Anyway he will be sadly missed, our smokey.

He was an angel, he would be so sweet. Here he is.


----------



## bladeblaster (Sep 30, 2008)

thats terrible.

RIP Smokey


----------



## TheMetaphysicalNinja (Aug 18, 2009)

that's is horrible, make sure they get whats coming to them.


----------



## Cockys Royals (Jun 28, 2008)

I have photos of his body. You can see where the dog had the whole of smokeys waist & back in his mouth. So enough evidence.


----------



## wilsonc1984 (Nov 26, 2009)

Thats terrible, i hope you get justice for smokey 

eace:RIP Smokeyeace:


----------



## Cockys Royals (Jun 28, 2008)

Well the dog warden has been to see the owner, they have been advised that a child of 10 cannot & should not walk a dog. Especially a LURCHER which is what the dog is supposed to be. They have been cautioned & warned. We are now waiting to hear from the Police as to what will occur, probally same as what the Dog Warden has done, give them a verbal warning re who should walk the dog & it should be harnessed or muzzled.


----------



## ryuk (Apr 23, 2010)

Thats absolutely awful! I'm really sorry for your loss. If you can't control the animal you shouldn't be owning it let alone walking it.

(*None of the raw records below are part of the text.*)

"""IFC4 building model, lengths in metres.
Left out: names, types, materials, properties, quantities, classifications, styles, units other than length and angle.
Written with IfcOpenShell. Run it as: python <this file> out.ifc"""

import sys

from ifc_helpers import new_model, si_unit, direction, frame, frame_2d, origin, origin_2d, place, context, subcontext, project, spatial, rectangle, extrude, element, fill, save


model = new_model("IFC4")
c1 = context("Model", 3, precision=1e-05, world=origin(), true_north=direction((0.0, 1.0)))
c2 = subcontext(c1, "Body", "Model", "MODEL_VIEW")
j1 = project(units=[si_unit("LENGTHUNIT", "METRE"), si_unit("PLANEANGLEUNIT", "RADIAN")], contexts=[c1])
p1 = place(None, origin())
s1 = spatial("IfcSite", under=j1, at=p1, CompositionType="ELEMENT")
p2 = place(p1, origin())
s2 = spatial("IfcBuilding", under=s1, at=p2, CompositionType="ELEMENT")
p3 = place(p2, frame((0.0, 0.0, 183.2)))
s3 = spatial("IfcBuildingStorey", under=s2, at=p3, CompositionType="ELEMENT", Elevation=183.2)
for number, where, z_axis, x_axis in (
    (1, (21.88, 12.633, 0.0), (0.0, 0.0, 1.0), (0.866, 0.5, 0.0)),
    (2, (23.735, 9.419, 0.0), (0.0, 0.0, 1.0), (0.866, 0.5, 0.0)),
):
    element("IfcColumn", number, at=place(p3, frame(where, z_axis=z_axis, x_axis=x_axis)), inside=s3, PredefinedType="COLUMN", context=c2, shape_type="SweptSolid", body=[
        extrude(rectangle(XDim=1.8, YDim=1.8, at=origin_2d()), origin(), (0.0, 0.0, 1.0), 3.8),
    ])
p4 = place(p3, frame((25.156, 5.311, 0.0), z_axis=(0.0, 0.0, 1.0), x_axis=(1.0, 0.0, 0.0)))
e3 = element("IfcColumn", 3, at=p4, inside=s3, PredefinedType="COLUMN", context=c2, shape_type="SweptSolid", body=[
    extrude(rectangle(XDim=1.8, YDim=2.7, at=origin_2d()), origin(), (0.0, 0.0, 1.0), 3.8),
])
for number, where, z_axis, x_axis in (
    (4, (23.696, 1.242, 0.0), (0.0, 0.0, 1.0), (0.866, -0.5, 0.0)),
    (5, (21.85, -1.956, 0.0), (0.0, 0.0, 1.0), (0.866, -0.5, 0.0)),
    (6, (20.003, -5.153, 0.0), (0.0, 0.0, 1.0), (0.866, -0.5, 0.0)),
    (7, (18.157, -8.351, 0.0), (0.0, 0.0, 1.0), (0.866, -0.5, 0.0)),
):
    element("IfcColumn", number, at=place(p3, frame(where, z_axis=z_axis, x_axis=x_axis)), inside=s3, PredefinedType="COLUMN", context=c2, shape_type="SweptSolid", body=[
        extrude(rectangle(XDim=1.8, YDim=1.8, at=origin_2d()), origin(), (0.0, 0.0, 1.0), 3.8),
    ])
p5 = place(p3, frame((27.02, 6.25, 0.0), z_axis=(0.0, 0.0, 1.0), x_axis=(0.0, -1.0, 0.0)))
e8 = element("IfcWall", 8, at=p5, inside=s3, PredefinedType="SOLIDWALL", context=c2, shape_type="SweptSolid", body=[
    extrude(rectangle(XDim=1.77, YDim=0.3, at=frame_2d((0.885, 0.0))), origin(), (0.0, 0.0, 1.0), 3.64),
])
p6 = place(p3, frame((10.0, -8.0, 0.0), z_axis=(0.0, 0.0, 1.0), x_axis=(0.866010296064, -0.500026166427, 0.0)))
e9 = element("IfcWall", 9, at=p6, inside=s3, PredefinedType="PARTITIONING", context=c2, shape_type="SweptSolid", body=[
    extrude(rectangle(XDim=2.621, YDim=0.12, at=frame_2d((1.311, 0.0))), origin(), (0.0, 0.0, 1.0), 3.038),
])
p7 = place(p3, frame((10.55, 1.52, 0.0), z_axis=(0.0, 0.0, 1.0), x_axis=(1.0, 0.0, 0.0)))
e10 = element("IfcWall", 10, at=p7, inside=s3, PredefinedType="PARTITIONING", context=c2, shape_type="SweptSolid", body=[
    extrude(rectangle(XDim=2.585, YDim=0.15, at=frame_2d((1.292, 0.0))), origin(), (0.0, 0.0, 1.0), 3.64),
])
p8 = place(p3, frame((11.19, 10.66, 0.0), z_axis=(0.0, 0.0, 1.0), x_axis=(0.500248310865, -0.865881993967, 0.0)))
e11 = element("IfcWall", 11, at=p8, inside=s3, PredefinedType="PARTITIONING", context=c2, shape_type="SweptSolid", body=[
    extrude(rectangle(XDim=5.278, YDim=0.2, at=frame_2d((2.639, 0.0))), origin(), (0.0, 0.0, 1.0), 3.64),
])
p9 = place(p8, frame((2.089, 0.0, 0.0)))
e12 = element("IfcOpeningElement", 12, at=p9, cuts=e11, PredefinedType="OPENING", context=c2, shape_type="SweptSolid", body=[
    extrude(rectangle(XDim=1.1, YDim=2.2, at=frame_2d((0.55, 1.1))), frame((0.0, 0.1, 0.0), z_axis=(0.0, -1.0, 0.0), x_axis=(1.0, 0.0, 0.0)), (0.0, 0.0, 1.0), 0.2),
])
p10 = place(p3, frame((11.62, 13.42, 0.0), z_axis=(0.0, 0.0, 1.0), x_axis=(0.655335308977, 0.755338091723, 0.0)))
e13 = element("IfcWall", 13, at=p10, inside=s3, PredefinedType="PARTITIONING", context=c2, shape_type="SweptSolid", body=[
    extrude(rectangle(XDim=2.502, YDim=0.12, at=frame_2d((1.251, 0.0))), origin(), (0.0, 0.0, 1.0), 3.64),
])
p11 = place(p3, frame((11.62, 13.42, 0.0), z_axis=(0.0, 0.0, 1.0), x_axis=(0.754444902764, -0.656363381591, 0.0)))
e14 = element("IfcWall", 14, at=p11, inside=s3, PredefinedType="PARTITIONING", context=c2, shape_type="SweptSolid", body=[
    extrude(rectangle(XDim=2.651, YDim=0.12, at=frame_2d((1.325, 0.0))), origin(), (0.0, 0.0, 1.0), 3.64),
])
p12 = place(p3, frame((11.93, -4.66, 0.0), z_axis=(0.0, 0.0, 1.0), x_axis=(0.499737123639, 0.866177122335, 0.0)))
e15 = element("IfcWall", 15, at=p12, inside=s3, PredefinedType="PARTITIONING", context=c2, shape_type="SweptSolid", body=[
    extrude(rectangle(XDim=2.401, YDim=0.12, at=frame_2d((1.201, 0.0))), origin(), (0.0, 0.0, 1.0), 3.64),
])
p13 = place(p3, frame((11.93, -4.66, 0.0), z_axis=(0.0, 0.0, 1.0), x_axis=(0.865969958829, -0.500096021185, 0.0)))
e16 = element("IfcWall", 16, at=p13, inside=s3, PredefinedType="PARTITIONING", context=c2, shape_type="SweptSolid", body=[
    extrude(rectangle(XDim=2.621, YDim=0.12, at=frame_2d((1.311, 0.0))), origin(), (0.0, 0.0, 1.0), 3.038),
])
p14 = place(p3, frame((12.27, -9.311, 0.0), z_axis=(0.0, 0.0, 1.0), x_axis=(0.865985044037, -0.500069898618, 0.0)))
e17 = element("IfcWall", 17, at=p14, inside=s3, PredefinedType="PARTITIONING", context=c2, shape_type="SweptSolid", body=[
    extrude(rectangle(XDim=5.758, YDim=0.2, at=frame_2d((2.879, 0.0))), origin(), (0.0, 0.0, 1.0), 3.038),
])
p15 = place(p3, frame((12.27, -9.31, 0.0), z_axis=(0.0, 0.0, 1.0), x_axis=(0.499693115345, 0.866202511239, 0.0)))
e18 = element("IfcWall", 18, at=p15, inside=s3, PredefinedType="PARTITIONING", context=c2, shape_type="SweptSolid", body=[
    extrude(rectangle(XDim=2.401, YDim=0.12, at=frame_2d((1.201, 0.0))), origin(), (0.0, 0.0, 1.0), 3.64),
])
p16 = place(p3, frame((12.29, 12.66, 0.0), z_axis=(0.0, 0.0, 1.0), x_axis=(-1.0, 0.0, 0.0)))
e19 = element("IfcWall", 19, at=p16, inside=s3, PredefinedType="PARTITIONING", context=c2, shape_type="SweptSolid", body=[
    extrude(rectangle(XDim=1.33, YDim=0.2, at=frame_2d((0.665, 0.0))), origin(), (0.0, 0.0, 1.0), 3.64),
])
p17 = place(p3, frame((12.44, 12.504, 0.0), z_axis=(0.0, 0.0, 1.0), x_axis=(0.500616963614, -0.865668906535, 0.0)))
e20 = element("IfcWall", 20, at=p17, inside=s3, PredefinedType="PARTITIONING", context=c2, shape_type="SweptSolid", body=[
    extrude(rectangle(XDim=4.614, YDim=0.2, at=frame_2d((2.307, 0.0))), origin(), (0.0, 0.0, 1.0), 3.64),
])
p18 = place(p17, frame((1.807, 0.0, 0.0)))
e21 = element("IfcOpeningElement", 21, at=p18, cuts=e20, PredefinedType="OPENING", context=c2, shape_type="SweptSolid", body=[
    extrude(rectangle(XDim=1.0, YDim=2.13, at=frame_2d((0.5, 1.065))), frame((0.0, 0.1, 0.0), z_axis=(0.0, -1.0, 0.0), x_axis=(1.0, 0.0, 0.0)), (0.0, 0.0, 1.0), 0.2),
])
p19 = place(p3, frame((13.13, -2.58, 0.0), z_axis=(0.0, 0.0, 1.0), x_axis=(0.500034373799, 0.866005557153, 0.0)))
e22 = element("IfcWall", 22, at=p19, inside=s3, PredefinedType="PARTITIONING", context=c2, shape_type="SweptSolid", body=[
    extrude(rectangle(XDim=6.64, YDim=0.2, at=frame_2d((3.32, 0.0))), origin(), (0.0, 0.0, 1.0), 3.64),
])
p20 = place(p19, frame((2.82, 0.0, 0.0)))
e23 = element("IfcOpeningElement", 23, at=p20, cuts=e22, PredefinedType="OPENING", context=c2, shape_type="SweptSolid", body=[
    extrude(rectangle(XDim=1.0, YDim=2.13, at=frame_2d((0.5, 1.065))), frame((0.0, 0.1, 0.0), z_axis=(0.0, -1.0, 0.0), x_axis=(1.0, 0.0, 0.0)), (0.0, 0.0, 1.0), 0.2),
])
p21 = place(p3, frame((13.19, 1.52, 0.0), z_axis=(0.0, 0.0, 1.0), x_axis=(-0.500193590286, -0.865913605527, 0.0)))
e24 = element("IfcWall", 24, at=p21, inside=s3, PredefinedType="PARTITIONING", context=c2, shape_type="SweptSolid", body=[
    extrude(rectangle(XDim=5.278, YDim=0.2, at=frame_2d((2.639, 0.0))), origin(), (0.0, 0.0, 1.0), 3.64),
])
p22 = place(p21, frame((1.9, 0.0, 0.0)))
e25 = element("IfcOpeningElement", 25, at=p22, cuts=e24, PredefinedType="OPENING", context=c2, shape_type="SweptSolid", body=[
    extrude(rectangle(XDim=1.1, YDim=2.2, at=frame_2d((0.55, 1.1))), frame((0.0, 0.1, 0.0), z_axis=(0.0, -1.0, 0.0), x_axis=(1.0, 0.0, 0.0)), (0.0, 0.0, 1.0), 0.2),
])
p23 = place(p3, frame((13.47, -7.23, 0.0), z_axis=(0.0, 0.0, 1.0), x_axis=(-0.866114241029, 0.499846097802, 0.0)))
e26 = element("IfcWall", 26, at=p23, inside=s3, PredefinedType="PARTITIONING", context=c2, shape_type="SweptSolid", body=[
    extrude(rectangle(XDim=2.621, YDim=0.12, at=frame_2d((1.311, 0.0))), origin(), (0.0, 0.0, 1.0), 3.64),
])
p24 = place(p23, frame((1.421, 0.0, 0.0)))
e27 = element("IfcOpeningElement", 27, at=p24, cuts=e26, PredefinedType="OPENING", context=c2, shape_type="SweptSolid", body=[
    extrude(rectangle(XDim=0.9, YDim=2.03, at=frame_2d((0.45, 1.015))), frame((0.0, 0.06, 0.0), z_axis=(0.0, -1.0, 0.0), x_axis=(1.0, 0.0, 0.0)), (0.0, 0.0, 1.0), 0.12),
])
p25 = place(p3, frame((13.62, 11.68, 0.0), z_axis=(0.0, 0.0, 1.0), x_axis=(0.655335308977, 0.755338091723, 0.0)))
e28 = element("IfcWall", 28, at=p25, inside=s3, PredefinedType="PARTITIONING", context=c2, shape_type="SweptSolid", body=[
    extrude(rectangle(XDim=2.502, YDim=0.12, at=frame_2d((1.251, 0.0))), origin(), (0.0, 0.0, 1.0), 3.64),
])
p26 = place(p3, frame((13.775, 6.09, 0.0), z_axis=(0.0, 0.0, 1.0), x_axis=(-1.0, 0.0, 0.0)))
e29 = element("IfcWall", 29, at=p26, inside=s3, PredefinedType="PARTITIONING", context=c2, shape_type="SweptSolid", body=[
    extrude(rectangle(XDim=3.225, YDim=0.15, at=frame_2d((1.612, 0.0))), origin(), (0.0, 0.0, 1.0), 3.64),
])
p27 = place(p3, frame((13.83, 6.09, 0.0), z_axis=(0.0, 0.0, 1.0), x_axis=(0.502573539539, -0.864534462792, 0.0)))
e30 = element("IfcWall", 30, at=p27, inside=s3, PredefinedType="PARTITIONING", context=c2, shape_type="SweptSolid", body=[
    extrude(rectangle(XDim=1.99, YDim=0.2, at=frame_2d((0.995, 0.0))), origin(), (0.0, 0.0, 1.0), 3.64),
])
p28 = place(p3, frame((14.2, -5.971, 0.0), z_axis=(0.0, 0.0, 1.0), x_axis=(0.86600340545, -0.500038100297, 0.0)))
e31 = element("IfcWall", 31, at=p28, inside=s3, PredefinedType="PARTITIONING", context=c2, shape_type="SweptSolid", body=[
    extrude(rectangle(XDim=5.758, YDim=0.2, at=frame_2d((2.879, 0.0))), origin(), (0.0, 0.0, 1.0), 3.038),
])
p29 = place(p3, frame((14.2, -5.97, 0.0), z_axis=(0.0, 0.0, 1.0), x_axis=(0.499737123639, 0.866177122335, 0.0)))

What a horrible thing to have to deal with.

Our dog is a lurcher collie cross and will chase anything which is why he is ALWAYS on a short leash in our neighbourhood. He's only ever walked off the lead in the woods or the park where he has only ever terrorized the local squirrel populous who appear to be far to allusive for him. I would NEVER let anyone who didn't have the strength to pull him to heel walk him or any other dog for that matter. 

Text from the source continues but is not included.